Hello there! It's Jocelyn Mathewes from my studio in Appalachia. I’m back to talk about all the juicy books I’m reading, along with a little bit more about artificial intelligence. (If you missed my previous thoughts, you can read about how I used Midjourney to manipulate and contemplate generalized anxiety here.)
And right now I’m reading a long, winding book called Making Sense: Cognition, Computing, and Embodiment, by Simon Penny. Penny is a professor and artist working in quite the interesting space between art and technology. The book, published in 2017, predates the recent explosion in AI enthusiasm and usage, and offers a critical analysis of computer culture.
Why am I talking about Simon Penny? I share his “longstanding concern for embodied and situated aspects of aesthetic experience.” As an Orthodox Christian I believe that soul and body are a unity, each component not greater or lesser than the another—and that is unity the root of knowing, experience, and humanity. Penny’s book, Making Sense, provides a rigorous analysis that points to a similar understanding of knowledge.

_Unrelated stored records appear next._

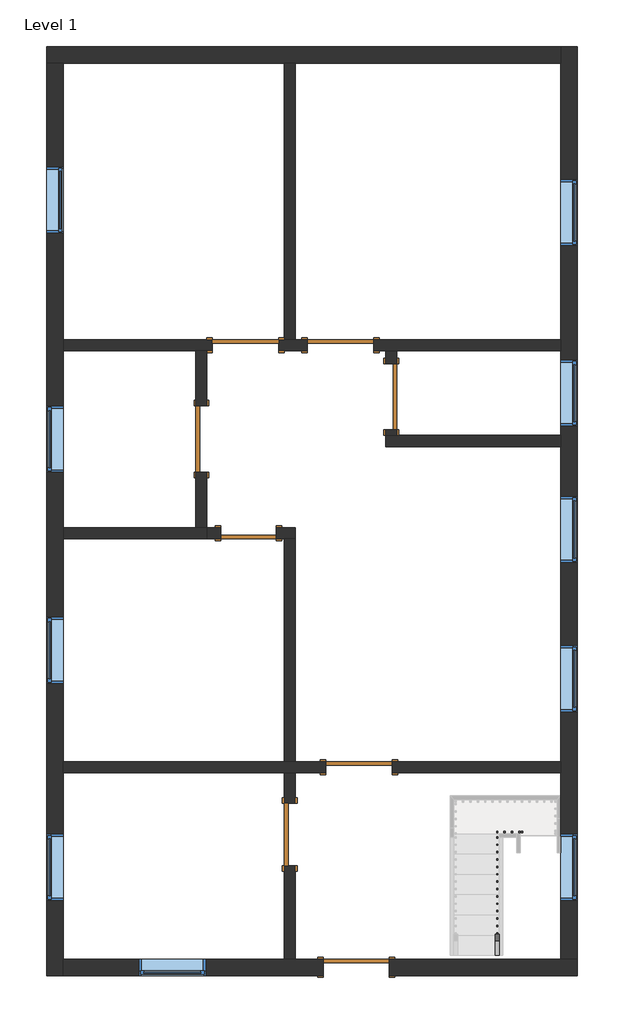
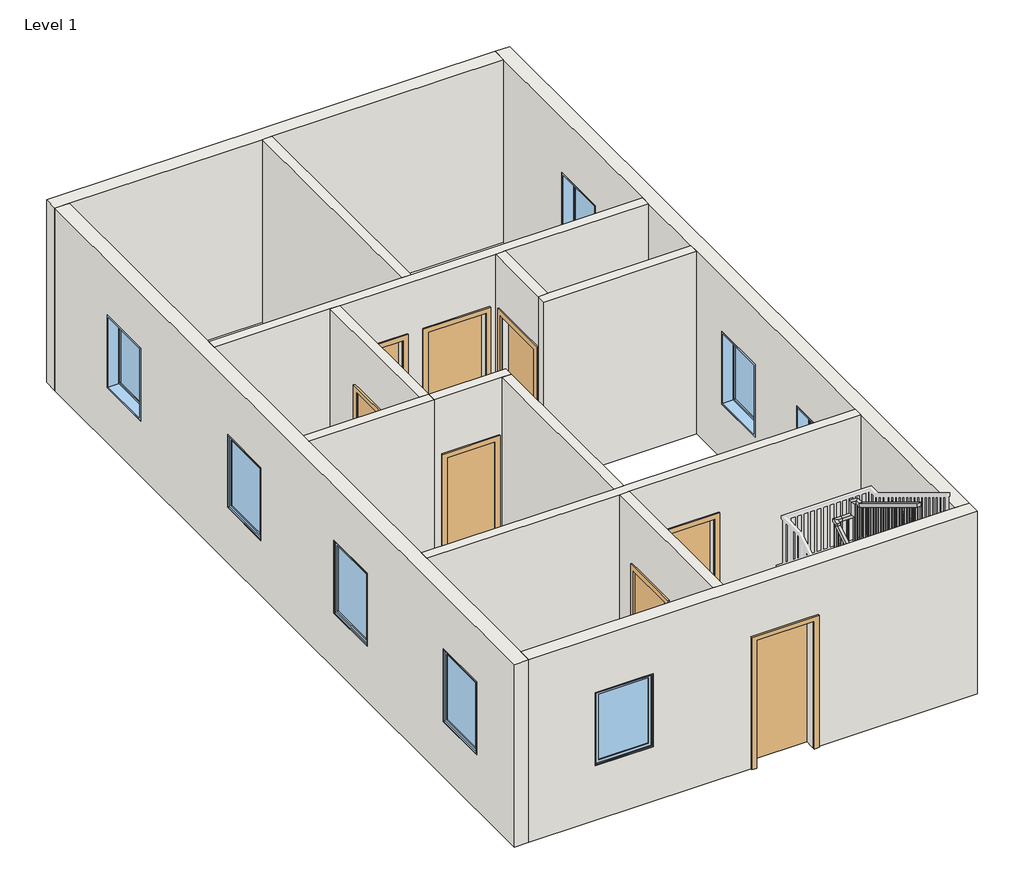
# One storey, part 1 of 2: 13 walls, 10 windows, 8 doors, 1 railing.
"""IFC4 building model written with IfcOpenShell, lengths in millimetres."""

from ifc_helpers import new_model, si_unit, frame, origin, origin_with_axes, place, context, project, spatial, polyline, outline, extrude, faceted_brep, transform, mapped, element, save
from components import door_255cab33, door_56e8e0a9, door_a90ba1ad, door_686f89d2, door_16372e1c, window_c1f32544

model = new_model("IFC4")

# Units and contexts
model_context = context("Model", 3, world=origin())
ifc_project = project(units=[si_unit("LENGTHUNIT", "METRE", prefix="MILLI")], contexts=[model_context])

# Site, building, storey
site = spatial("IfcSite", under=ifc_project)
building = spatial("IfcBuilding", under=site)
storey = spatial("IfcBuildingStorey", under=building, Name="Level 1", Elevation=0.0)

# Doors
placement = place(None, origin())
door_shape = door_255cab33(model_context)
element("IfcDoor", 1, ObjectType="Single-Flush : 30\" x 80\"", at=placement, inside=storey, context=model_context, shape_type="MappedRepresentation", body=[
    mapped(door_shape, transform((-4366.7629117, 1337.2575851, 0.0), x_axis=(1.0, 0.0, 0.0), y_axis=(0.0, 1.0, 0.0), z_axis=(0.0, 0.0, 1.0))),
])
door_2_shape = door_56e8e0a9(model_context)
element("IfcDoor", 2, ObjectType="Single-Flush : 34\" x 80\"", at=placement, inside=storey, context=model_context, shape_type="MappedRepresentation", body=[
    mapped(door_2_shape, transform((-3795.2629117, -2815.6424149, 0.0), x_axis=(0.0, 1.0, 0.0), y_axis=(-1.0, 0.0, 0.0), z_axis=(0.0, 0.0, 1.0))),
])
door_3_shape = door_a90ba1ad(model_context)
element("IfcDoor", 3, ObjectType="Single-Flush : 36\" x 84\"", at=placement, inside=storey, context=model_context, shape_type="MappedRepresentation", body=[
    mapped(door_3_shape, transform((-2880.8629117, -4644.4424149, 0.0), x_axis=(-1.0, 0.0, 0.0), y_axis=(0.0, -1.0, 0.0), z_axis=(0.0, 0.0, 1.0))),
])
door_4_shape = door_686f89d2(model_context)
element("IfcDoor", 4, ObjectType="Single-Flush : 36\" x 84\"", at=placement, inside=storey, context=model_context, shape_type="MappedRepresentation", body=[
    mapped(door_4_shape, transform((-2842.7629117, -1888.5424149, 0.0), x_axis=(-1.0, 0.0, 0.0), y_axis=(0.0, -1.0, 0.0), z_axis=(0.0, 0.0, 1.0))),
])
element("IfcDoor", 5, ObjectType="Single-Flush : 36\" x 84\"", at=placement, inside=storey, context=model_context, shape_type="MappedRepresentation", body=[
    mapped(door_4_shape, transform((-3096.7629117, 3928.0575851, 0.0), x_axis=(-1.0, 0.0, 0.0), y_axis=(0.0, -1.0, 0.0), z_axis=(0.0, 0.0, 1.0))),
])
element("IfcDoor", 6, ObjectType="Single-Flush : 36\" x 84\"", at=placement, inside=storey, context=model_context, shape_type="MappedRepresentation", body=[
    mapped(door_4_shape, transform((-2398.2629117, 3216.8575851, 0.0), x_axis=(0.0, 1.0, 0.0), y_axis=(-1.0, 0.0, 0.0), z_axis=(0.0, 0.0, 1.0))),
])
element("IfcDoor", 7, ObjectType="Single-Flush : 36\" x 84\"", at=placement, inside=storey, context=model_context, shape_type="MappedRepresentation", body=[
    mapped(door_4_shape, transform((-5014.4629117, 2632.6575851, 0.0), x_axis=(0.0, -1.0, 0.0), y_axis=(1.0, 0.0, 0.0), z_axis=(0.0, 0.0, 1.0))),
])
door_5_shape = door_16372e1c(model_context)
element("IfcDoor", 8, ObjectType="Single-Flush : 36\" x 84\"", at=placement, inside=storey, context=model_context, shape_type="MappedRepresentation", body=[
    mapped(door_5_shape, transform((-4404.8629117, 3928.0575851, 0.0), x_axis=(1.0, 0.0, 0.0), y_axis=(0.0, 1.0, 0.0), z_axis=(0.0, 0.0, 1.0))),
])

# Railing
element("IfcRailing", 9, ObjectType="Handrail - Rectangular", at=placement, inside=storey, context=model_context, shape_type="SolidModel", body=[
    faceted_brep([(-963.1629117, -4479.3424149, 1083.7333333), (-963.1629117, -4479.3424149, 1024.3318731), (-912.3629117, -4479.3424149, 1024.3318731), (-912.3629117, -4479.3424149, 1083.7333333), (-963.1629117, -2879.1424149, 2053.5515152), (-963.1629117, -2828.3424149, 2024.9379337), (-912.3629117, -2828.3424149, 2024.9379337), (-912.3629117, -2879.1424149, 2053.5515152), (-963.1629117, -2879.1424149, 2099.7333333), (-963.1629117, -2828.3424149, 2048.9333333), (-912.3629117, -2828.3424149, 2048.9333333), (-912.3629117, -2879.1424149, 2099.7333333), (-963.1629117, -2752.1424149, 2099.7333333), (-963.1629117, -2752.1424149, 2048.9333333), (-912.3629117, -2802.9424149, 2048.9333333), (-912.3629117, -2802.9424149, 2099.7333333), (-836.1629117, -2752.1424149, 2099.7333333), (-836.1629117, -2752.1424149, 2048.9333333), (-836.1629117, -2802.9424149, 2048.9333333), (-836.1629117, -2802.9424149, 2099.7333333), (-696.4629117, -2752.1424149, 2099.7333333), (-645.6629117, -2752.1424149, 2048.9333333), (-645.6629117, -2802.9424149, 2048.9333333), (-696.4629117, -2802.9424149, 2099.7333333), (-696.4629117, -2752.1424149, 2315.2484848), (-645.6629117, -2752.1424149, 2264.4484848), (-645.6629117, -2802.9424149, 2264.4484848), (-696.4629117, -2802.9424149, 2315.2484848), (-569.4629117, -2752.1424149, 2315.2484848), (-569.4629117, -2752.1424149, 2264.4484848), (-620.2629117, -2802.9424149, 2264.4484848), (-620.2629117, -2802.9424149, 2315.2484848), (-569.4629117, -2879.1424149, 2315.2484848), (-569.4629117, -2893.3348244, 2264.4484848), (-620.2629117, -2893.3348244, 2264.4484848), (-620.2629117, -2879.1424149, 2315.2484848), (-569.4629117, -4479.3424149, 3285.0666667), (-620.2629117, -4479.3424149, 3285.0666667), (-620.2629117, -4479.3424149, 3225.6652064), (-569.4629117, -4479.3424149, 3225.6652064)], [[[0, 1, 2, 3]], [[1, 0, 4, 5]], [[2, 1, 5, 6]], [[3, 2, 6, 7]], [[0, 3, 7, 4]], [[5, 4, 8, 9]], [[6, 5, 9, 10]], [[7, 6, 10, 11]], [[4, 7, 11, 8]], [[9, 8, 12, 13]], [[10, 9, 13, 14]], [[11, 10, 14, 15]], [[8, 11, 15, 12]], [[13, 12, 16, 17]], [[14, 13, 17, 18]], [[15, 14, 18, 19]], [[12, 15, 19, 16]], [[17, 16, 20, 21]], [[18, 17, 21, 22]], [[19, 18, 22, 23]], [[16, 19, 23, 20]], [[21, 20, 24, 25]], [[22, 21, 25, 26]], [[23, 22, 26, 27]], [[20, 23, 27, 24]], [[25, 24, 28, 29]], [[26, 25, 29, 30]], [[27, 26, 30, 31]], [[24, 27, 31, 28]], [[29, 28, 32, 33]], [[30, 29, 33, 34]], [[31, 30, 34, 35]], [[28, 31, 35, 32]], [[36, 37, 38, 39]], [[33, 32, 36, 39]], [[34, 33, 39, 38]], [[35, 34, 38, 37]], [[32, 35, 37, 36]]]),
    extrude(outline(polyline([(-4412.6674149, 3185.2561155), (-4393.6174149, 3173.710661), (-4393.6174149, 2201.3333333), (-4412.6674149, 2201.3333333), (-4412.6674149, 3185.2561155)])), frame((-604.3879117, 0.0, 0.0), z_axis=(1.0, 0.0, 0.0), x_axis=(0.0, 1.0, 0.0)), (0.0, 0.0, 1.0), 19.05),
    extrude(outline(polyline([(-4311.0674149, 3123.6803579), (-4292.0174149, 3112.1349034), (-4292.0174149, 2201.3333333), (-4311.0674149, 2201.3333333), (-4311.0674149, 3123.6803579)])), frame((-604.3879117, 0.0, 0.0), z_axis=(1.0, 0.0, 0.0), x_axis=(0.0, 1.0, 0.0)), (0.0, 0.0, 1.0), 19.05),
    extrude(outline(polyline([(-4209.4674149, 3062.1046004), (-4190.4174149, 3050.5591458), (-4190.4174149, 2201.3333333), (-4209.4674149, 2201.3333333), (-4209.4674149, 3062.1046004)])), frame((-604.3879117, 0.0, 0.0), z_axis=(1.0, 0.0, 0.0), x_axis=(0.0, 1.0, 0.0)), (0.0, 0.0, 1.0), 19.05),
    extrude(outline(polyline([(-4107.8674149, 3000.5288428), (-4088.8174149, 2988.9833882), (-4088.8174149, 2032.0), (-4107.8674149, 2032.0), (-4107.8674149, 3000.5288428)])), frame((-604.3879117, 0.0, 0.0), z_axis=(1.0, 0.0, 0.0), x_axis=(0.0, 1.0, 0.0)), (0.0, 0.0, 1.0), 19.05),
    extrude(outline(polyline([(-4006.2674149, 2938.9530852), (-3987.2174149, 2927.4076307), (-3987.2174149, 2032.0), (-4006.2674149, 2032.0), (-4006.2674149, 2938.9530852)])), frame((-604.3879117, 0.0, 0.0), z_axis=(1.0, 0.0, 0.0), x_axis=(0.0, 1.0, 0.0)), (0.0, 0.0, 1.0), 19.05),
    extrude(outline(polyline([(-3904.6674149, 2877.3773276), (-3885.6174149, 2865.8318731), (-3885.6174149, 1862.6666667), (-3904.6674149, 1862.6666667), (-3904.6674149, 2877.3773276)])), frame((-604.3879117, 0.0, 0.0), z_axis=(1.0, 0.0, 0.0), x_axis=(0.0, 1.0, 0.0)), (0.0, 0.0, 1.0), 19.05),
    extrude(outline(polyline([(-3803.0674149, 2815.80157), (-3784.0174149, 2804.2561155), (-3784.0174149, 1862.6666667), (-3803.0674149, 1862.6666667), (-3803.0674149, 2815.80157)])), frame((-604.3879117, 0.0, 0.0), z_axis=(1.0, 0.0, 0.0), x_axis=(0.0, 1.0, 0.0)), (0.0, 0.0, 1.0), 19.05),
    extrude(outline(polyline([(-3701.4674149, 2754.2258125), (-3682.4174149, 2742.6803579), (-3682.4174149, 1862.6666667), (-3701.4674149, 1862.6666667), (-3701.4674149, 2754.2258125)])), frame((-604.3879117, 0.0, 0.0), z_axis=(1.0, 0.0, 0.0), x_axis=(0.0, 1.0, 0.0)), (0.0, 0.0, 1.0), 19.05),
    extrude(outline(polyline([(-3599.8674149, 2692.6500549), (-3580.8174149, 2681.1046004), (-3580.8174149, 1693.3333333), (-3599.8674149, 1693.3333333), (-3599.8674149, 2692.6500549)])), frame((-604.3879117, 0.0, 0.0), z_axis=(1.0, 0.0, 0.0), x_axis=(0.0, 1.0, 0.0)), (0.0, 0.0, 1.0), 19.05),
    extrude(outline(polyline([(-3498.2674149, 2631.0742973), (-3479.2174149, 2619.5288428), (-3479.2174149, 1693.3333333), (-3498.2674149, 1693.3333333), (-3498.2674149, 2631.0742973)])), frame((-604.3879117, 0.0, 0.0), z_axis=(1.0, 0.0, 0.0), x_axis=(0.0, 1.0, 0.0)), (0.0, 0.0, 1.0), 19.05),
    extrude(outline(polyline([(-3396.6674149, 2569.4985397), (-3377.6174149, 2557.9530852), (-3377.6174149, 1693.3333333), (-3396.6674149, 1693.3333333), (-3396.6674149, 2569.4985397)])), frame((-604.3879117, 0.0, 0.0), z_axis=(1.0, 0.0, 0.0), x_axis=(0.0, 1.0, 0.0)), (0.0, 0.0, 1.0), 19.05),
    extrude(outline(polyline([(-3295.0674149, 2507.9227822), (-3276.0174149, 2496.3773276), (-3276.0174149, 1524.0), (-3295.0674149, 1524.0), (-3295.0674149, 2507.9227822)])), frame((-604.3879117, 0.0, 0.0), z_axis=(1.0, 0.0, 0.0), x_axis=(0.0, 1.0, 0.0)), (0.0, 0.0, 1.0), 19.05),
    extrude(outline(polyline([(-3193.4674149, 2446.3470246), (-3174.4174149, 2434.80157), (-3174.4174149, 1524.0), (-3193.4674149, 1524.0), (-3193.4674149, 2446.3470246)])), frame((-604.3879117, 0.0, 0.0), z_axis=(1.0, 0.0, 0.0), x_axis=(0.0, 1.0, 0.0)), (0.0, 0.0, 1.0), 19.05),
    extrude(outline(polyline([(-3091.8674149, 2384.771267), (-3072.8174149, 2373.2258125), (-3072.8174149, 1524.0), (-3091.8674149, 1524.0), (-3091.8674149, 2384.771267)])), frame((-604.3879117, 0.0, 0.0), z_axis=(1.0, 0.0, 0.0), x_axis=(0.0, 1.0, 0.0)), (0.0, 0.0, 1.0), 19.05),
    extrude(outline(polyline([(-2990.2674149, 2323.1955094), (-2971.2174149, 2311.6500549), (-2971.2174149, 1354.6666667), (-2990.2674149, 1354.6666667), (-2990.2674149, 2323.1955094)])), frame((-604.3879117, 0.0, 0.0), z_axis=(1.0, 0.0, 0.0), x_axis=(0.0, 1.0, 0.0)), (0.0, 0.0, 1.0), 19.05),
    extrude(outline(polyline([(-2888.6674149, 2261.6197519), (-2869.6174149, 2250.0742973), (-2869.6174149, 1354.6666667), (-2888.6674149, 1354.6666667), (-2888.6674149, 2261.6197519)])), frame((-604.3879117, 0.0, 0.0), z_axis=(1.0, 0.0, 0.0), x_axis=(0.0, 1.0, 0.0)), (0.0, 0.0, 1.0), 19.05),
    extrude(outline(polyline([(-642.4879117, -2787.0674149), (-642.4879117, -2768.0174149), (-623.4379117, -2768.0174149), (-623.4379117, -2787.0674149), (-642.4879117, -2787.0674149)])), frame((0.0, 0.0, 1185.3333333), z_axis=(0.0, 0.0, 1.0), x_axis=(1.0, 0.0, 0.0)), (0.0, 0.0, 1.0), 1079.1151515),
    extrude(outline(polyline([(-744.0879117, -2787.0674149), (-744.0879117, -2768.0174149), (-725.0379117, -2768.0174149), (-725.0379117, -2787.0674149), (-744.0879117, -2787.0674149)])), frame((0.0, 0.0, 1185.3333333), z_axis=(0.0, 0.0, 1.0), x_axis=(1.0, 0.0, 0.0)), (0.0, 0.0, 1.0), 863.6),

While this book is several years old, I think Making Sense a vital and important work for the everyday artist to reference and understand. Penny has worked at the leading edge of computer imaging and at several institutions where now-ubiquitous technologies were in their infancy. He is uniquely positioned to offer us his insights, and even though I’m only halfway through, I am offering this book my strong recommendation.